I realize it has a great deal to do with location but I'm seeing brand new completed homes with yards, minimal landscaping, a driveway and a few appliances for $100/sqft. I'm asking for the same thing minus the lawn, landscaping, driveway & appliances which puts one particular house right at $79/sqft. I'm OK with that and they'll still make MORE money on the deal as there's no realtor involved, they're building the house on my dime not their own finances and they don't have to sit on it for months after completion all the while paying utilities and taxes.


----------



## Gilley23 (May 9, 2017)

How cheap can you get the dirt for and what is your expectation of the quality of the finishes? You can do $80/sq ft, but you're going to have to give up something to get it.
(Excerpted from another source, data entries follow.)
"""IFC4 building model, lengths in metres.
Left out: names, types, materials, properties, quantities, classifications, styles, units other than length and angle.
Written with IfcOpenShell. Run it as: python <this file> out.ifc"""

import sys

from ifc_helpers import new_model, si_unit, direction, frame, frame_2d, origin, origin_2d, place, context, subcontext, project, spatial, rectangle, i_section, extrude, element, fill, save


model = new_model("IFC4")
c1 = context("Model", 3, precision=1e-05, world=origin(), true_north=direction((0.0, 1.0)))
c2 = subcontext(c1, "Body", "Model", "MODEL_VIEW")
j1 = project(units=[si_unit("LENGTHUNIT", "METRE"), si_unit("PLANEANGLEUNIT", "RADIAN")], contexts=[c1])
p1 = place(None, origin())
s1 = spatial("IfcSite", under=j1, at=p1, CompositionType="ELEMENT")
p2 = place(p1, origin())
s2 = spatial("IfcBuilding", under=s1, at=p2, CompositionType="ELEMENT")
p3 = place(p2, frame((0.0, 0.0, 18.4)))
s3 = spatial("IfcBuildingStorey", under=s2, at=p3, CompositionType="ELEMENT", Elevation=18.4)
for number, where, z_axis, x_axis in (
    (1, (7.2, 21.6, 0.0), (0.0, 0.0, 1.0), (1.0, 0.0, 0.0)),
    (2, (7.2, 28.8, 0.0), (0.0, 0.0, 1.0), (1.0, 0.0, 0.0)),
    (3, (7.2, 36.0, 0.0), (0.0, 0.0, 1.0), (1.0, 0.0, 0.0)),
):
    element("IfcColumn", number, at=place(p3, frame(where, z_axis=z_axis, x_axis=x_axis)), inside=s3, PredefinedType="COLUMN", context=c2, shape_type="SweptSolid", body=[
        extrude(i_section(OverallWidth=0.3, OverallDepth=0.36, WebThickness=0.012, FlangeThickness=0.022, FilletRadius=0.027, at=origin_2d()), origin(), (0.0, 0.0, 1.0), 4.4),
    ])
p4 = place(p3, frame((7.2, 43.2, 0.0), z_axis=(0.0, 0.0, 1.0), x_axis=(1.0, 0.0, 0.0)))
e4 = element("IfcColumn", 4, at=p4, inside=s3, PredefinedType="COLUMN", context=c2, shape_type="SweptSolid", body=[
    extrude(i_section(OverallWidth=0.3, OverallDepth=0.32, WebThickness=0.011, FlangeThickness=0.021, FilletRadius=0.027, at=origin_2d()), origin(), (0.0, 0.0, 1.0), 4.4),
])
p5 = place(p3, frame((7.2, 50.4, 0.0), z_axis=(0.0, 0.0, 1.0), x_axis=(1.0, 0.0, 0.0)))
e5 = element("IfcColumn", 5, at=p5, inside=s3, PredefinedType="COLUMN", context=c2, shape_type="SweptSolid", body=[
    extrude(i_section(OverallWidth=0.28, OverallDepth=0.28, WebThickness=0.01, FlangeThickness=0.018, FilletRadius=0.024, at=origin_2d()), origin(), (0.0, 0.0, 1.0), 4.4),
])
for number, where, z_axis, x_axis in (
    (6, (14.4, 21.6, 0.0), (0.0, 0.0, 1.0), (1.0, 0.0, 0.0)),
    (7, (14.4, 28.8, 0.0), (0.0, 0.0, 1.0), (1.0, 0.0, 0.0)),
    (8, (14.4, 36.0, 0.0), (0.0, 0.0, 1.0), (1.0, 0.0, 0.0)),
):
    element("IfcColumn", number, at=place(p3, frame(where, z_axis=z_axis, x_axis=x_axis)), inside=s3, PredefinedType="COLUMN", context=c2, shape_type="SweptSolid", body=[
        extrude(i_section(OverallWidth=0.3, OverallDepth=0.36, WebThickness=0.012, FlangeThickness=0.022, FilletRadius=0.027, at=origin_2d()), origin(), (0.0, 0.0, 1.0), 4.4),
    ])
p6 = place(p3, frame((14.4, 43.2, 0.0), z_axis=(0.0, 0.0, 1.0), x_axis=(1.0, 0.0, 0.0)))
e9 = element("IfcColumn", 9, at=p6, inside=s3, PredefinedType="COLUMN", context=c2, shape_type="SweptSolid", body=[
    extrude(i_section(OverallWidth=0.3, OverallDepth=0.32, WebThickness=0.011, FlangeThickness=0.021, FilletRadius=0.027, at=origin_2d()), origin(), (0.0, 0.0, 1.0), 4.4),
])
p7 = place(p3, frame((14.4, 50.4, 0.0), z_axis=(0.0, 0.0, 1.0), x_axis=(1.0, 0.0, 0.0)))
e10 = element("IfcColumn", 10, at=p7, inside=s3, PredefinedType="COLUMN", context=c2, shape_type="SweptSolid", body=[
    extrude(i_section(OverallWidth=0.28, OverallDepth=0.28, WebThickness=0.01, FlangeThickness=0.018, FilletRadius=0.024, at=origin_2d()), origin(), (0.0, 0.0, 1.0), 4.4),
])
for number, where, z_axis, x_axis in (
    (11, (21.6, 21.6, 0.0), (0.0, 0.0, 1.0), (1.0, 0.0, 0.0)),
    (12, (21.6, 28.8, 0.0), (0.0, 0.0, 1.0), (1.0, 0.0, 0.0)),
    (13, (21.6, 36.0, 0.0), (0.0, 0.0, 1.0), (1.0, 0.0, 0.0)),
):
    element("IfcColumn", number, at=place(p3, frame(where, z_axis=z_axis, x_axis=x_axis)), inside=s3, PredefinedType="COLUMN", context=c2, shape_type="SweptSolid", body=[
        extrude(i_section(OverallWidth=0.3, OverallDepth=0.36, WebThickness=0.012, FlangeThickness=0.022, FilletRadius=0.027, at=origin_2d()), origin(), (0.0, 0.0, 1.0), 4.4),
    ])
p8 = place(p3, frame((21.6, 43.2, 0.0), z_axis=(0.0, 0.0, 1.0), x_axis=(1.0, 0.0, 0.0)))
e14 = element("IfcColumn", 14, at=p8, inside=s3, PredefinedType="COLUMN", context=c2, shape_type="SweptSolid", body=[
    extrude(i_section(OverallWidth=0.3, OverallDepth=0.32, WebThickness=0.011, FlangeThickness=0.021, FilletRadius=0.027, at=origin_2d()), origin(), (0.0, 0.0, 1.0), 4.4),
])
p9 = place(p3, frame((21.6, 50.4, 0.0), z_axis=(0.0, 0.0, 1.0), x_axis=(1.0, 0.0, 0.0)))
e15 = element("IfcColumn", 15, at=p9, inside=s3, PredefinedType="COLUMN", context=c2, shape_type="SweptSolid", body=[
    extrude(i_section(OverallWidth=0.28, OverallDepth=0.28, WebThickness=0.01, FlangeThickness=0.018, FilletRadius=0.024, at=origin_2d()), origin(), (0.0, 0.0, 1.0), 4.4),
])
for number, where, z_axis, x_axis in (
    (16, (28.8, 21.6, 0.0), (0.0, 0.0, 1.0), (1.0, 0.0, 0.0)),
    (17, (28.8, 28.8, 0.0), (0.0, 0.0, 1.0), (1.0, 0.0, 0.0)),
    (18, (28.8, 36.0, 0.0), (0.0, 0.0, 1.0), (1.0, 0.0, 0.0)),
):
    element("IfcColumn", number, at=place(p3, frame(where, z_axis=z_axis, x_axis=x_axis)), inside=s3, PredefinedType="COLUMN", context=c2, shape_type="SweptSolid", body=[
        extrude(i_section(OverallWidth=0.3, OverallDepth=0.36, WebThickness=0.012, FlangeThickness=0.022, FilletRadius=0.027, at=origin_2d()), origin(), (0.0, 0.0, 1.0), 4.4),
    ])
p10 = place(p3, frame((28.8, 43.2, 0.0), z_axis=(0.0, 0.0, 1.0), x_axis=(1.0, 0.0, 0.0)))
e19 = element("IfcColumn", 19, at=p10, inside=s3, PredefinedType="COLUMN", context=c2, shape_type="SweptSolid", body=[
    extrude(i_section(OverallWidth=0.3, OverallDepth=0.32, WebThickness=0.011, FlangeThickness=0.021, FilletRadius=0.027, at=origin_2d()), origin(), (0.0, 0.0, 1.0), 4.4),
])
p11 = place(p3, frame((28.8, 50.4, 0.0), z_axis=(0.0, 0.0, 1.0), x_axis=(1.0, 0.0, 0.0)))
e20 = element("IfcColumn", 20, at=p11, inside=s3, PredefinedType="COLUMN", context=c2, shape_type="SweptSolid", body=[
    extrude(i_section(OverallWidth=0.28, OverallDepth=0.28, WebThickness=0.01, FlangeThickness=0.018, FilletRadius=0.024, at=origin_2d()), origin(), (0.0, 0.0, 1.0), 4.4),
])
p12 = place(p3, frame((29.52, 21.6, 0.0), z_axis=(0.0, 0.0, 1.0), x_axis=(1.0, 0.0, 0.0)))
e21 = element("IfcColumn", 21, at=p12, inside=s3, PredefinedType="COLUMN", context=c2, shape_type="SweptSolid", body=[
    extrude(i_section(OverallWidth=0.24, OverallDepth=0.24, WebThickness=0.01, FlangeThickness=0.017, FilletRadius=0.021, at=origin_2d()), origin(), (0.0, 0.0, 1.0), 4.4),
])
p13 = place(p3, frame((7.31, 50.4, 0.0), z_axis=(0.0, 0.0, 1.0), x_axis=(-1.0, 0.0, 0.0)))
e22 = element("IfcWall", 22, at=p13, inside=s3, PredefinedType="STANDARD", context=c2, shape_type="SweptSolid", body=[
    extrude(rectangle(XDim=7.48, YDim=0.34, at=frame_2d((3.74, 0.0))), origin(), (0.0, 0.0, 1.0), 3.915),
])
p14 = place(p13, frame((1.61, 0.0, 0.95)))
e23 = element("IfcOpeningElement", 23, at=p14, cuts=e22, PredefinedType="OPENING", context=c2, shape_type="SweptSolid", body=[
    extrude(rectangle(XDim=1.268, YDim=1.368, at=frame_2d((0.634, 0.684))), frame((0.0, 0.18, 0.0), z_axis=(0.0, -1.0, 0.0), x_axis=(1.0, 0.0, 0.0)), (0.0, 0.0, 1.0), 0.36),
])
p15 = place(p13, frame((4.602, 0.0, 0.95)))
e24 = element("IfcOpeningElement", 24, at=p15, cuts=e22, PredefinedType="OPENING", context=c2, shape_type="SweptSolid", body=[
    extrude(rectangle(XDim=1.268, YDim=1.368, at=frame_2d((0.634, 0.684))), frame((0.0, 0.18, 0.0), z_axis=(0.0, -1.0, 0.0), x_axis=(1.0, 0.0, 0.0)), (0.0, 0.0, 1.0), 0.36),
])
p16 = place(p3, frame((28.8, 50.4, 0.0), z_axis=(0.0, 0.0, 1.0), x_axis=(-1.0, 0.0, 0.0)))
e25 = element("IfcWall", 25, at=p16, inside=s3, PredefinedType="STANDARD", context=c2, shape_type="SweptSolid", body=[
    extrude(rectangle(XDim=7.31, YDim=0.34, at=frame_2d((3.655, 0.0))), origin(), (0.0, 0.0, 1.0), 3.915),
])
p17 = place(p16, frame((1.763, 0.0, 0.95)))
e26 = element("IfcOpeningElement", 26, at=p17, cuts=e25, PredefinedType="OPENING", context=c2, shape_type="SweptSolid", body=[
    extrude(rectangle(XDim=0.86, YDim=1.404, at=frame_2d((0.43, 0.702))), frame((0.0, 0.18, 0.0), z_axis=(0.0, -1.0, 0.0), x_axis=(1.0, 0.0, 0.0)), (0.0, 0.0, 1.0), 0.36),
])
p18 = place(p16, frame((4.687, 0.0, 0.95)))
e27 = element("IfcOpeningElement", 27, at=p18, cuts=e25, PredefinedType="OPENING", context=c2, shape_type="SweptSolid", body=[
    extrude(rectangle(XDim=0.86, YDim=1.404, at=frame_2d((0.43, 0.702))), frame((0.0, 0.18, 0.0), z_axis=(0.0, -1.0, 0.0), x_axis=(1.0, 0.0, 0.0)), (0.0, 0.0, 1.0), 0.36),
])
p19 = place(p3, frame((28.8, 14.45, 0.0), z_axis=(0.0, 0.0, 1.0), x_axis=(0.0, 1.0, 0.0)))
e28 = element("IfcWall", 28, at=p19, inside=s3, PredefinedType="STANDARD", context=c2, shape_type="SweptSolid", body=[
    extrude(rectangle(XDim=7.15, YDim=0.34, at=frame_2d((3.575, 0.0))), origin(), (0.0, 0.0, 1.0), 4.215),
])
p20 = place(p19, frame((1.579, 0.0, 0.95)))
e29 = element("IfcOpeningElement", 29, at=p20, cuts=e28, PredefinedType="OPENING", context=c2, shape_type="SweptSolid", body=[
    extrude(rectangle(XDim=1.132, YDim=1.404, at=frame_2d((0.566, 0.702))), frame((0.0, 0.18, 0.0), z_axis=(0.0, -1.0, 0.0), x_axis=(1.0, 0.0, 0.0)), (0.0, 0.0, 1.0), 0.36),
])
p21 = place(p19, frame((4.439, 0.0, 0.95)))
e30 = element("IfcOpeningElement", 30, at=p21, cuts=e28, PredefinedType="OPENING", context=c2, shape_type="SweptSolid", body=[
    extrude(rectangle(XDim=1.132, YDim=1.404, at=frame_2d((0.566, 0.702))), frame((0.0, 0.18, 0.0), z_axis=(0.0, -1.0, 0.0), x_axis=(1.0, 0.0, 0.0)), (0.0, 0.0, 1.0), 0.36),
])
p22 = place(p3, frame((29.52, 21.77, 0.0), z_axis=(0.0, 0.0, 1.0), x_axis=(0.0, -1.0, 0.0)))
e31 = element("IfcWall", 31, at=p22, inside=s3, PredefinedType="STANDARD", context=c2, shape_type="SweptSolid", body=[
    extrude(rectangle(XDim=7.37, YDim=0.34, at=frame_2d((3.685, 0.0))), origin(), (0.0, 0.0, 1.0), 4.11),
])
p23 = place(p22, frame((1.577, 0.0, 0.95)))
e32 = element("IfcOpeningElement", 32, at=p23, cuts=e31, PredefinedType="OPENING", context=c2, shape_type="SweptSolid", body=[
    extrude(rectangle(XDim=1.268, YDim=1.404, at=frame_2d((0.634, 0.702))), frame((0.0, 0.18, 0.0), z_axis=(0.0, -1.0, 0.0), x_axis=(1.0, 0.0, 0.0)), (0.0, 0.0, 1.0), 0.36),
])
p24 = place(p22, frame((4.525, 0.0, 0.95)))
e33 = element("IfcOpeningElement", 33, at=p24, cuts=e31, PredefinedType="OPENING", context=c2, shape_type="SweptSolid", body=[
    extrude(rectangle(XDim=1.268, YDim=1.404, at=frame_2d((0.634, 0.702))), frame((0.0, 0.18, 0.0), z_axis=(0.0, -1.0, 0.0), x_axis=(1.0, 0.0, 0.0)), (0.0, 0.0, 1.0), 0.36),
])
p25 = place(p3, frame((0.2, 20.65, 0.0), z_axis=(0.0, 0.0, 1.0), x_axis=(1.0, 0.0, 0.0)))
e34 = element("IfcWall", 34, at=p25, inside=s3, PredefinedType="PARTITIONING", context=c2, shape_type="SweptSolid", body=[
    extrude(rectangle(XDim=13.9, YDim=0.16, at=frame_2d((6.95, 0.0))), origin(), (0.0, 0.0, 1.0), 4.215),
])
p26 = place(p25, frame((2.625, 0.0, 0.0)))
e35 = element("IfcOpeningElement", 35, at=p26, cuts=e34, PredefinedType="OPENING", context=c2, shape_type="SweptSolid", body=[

The cheapest way to build is a 2 story box. The smaller the foundation the cheaper. Keep the roof lines simple and not cut up. Engineered trusses are cheaper than stick built.


----------



## jmartel (Jul 6, 2012)

When I looked a couple years ago, $100-120 was more typical.

Remember that it's cheaper per square foot to go bigger, usually. So bigger houses get a cost break based off of that.


----------



## firefighterontheside (Apr 26, 2013)

+1 what Gilley said.


----------



## bigblockyeti (Sep 9, 2013)

The dirt I'm paying cash for so that's out of the equation all together. Remember, this is SC and things are likely priced differently. I'm looking at multiple spec homes now priced @ $98/sqft. lot included. I just want to remove the cost of the lot, lawn, landscaping & appliances and change exactly nothing else.


----------



## tomsteve (Jan 23, 2015)

can ya be your own general contractor/builder? line up all the trades yourself? basically cut out the middleman.


----------



## bigblockyeti (Sep 9, 2013)

Moving to a new state and learning new rules would make that tough, getting it done without know anyone in the trades, specifically their speed and quality would make it really tough. The bank issuing a construction loan wanting builder approval prior to lending makes it tougher yet

I fully intend on building a house with my own two hands at some point, but being able to skip financing would be very helpful in doing so as would be having older kids as assets to help vs. my now young kids as liabilities.


----------



## Gilley23 (May 9, 2017)

How do you feel about manufactured homes? I'm not talking about mobile homes. Built elsewhere and taken to the site and assembled.


----------



## bigblockyeti (Sep 9, 2013)

Not object to the idea, I know my wife would be however. This Old House did a high end one once, that I could use to sway her I'm sure but I still need to research what it would cost.


----------



## AlaskaGuy (Jan 29, 2012)

Seems to me like you should be asking some of your local contractors.


----------



## bladedust (Mar 12, 2012)

Another option would be to take an existing home and renovate to your liking. There are renovations loan available that would even allow for additions. This is what I do for a living, so feel free to message me if you want details.


----------



## bigblockyeti (Sep 9, 2013)

> Seems to me like you should be asking some of your local contractors.
> 
> - AlaskaGuy


This is high on my priority list when I become local, I've got feelers out there with several different folks, a lot of family in the area included. I've gone the renovation route before and while it's not out of the question, getting in the right school district with a lot in the right area that's the right size greatly complicates that route.


----------



## ArtMann (Mar 1, 2016)

I am about to finish my custom house right now and I am well versed on building in my area. My house will cost about $120 including the lot. You can probably get someone to build a house for close to $80. It will have the cheapest materials and methods the building inspector will permit. The light fixtures, door hardware, flooring, and other materials will all be "contractor grade".. The quality custom builders in my area would probably not be interested because they are building more expensive and higher profit houses.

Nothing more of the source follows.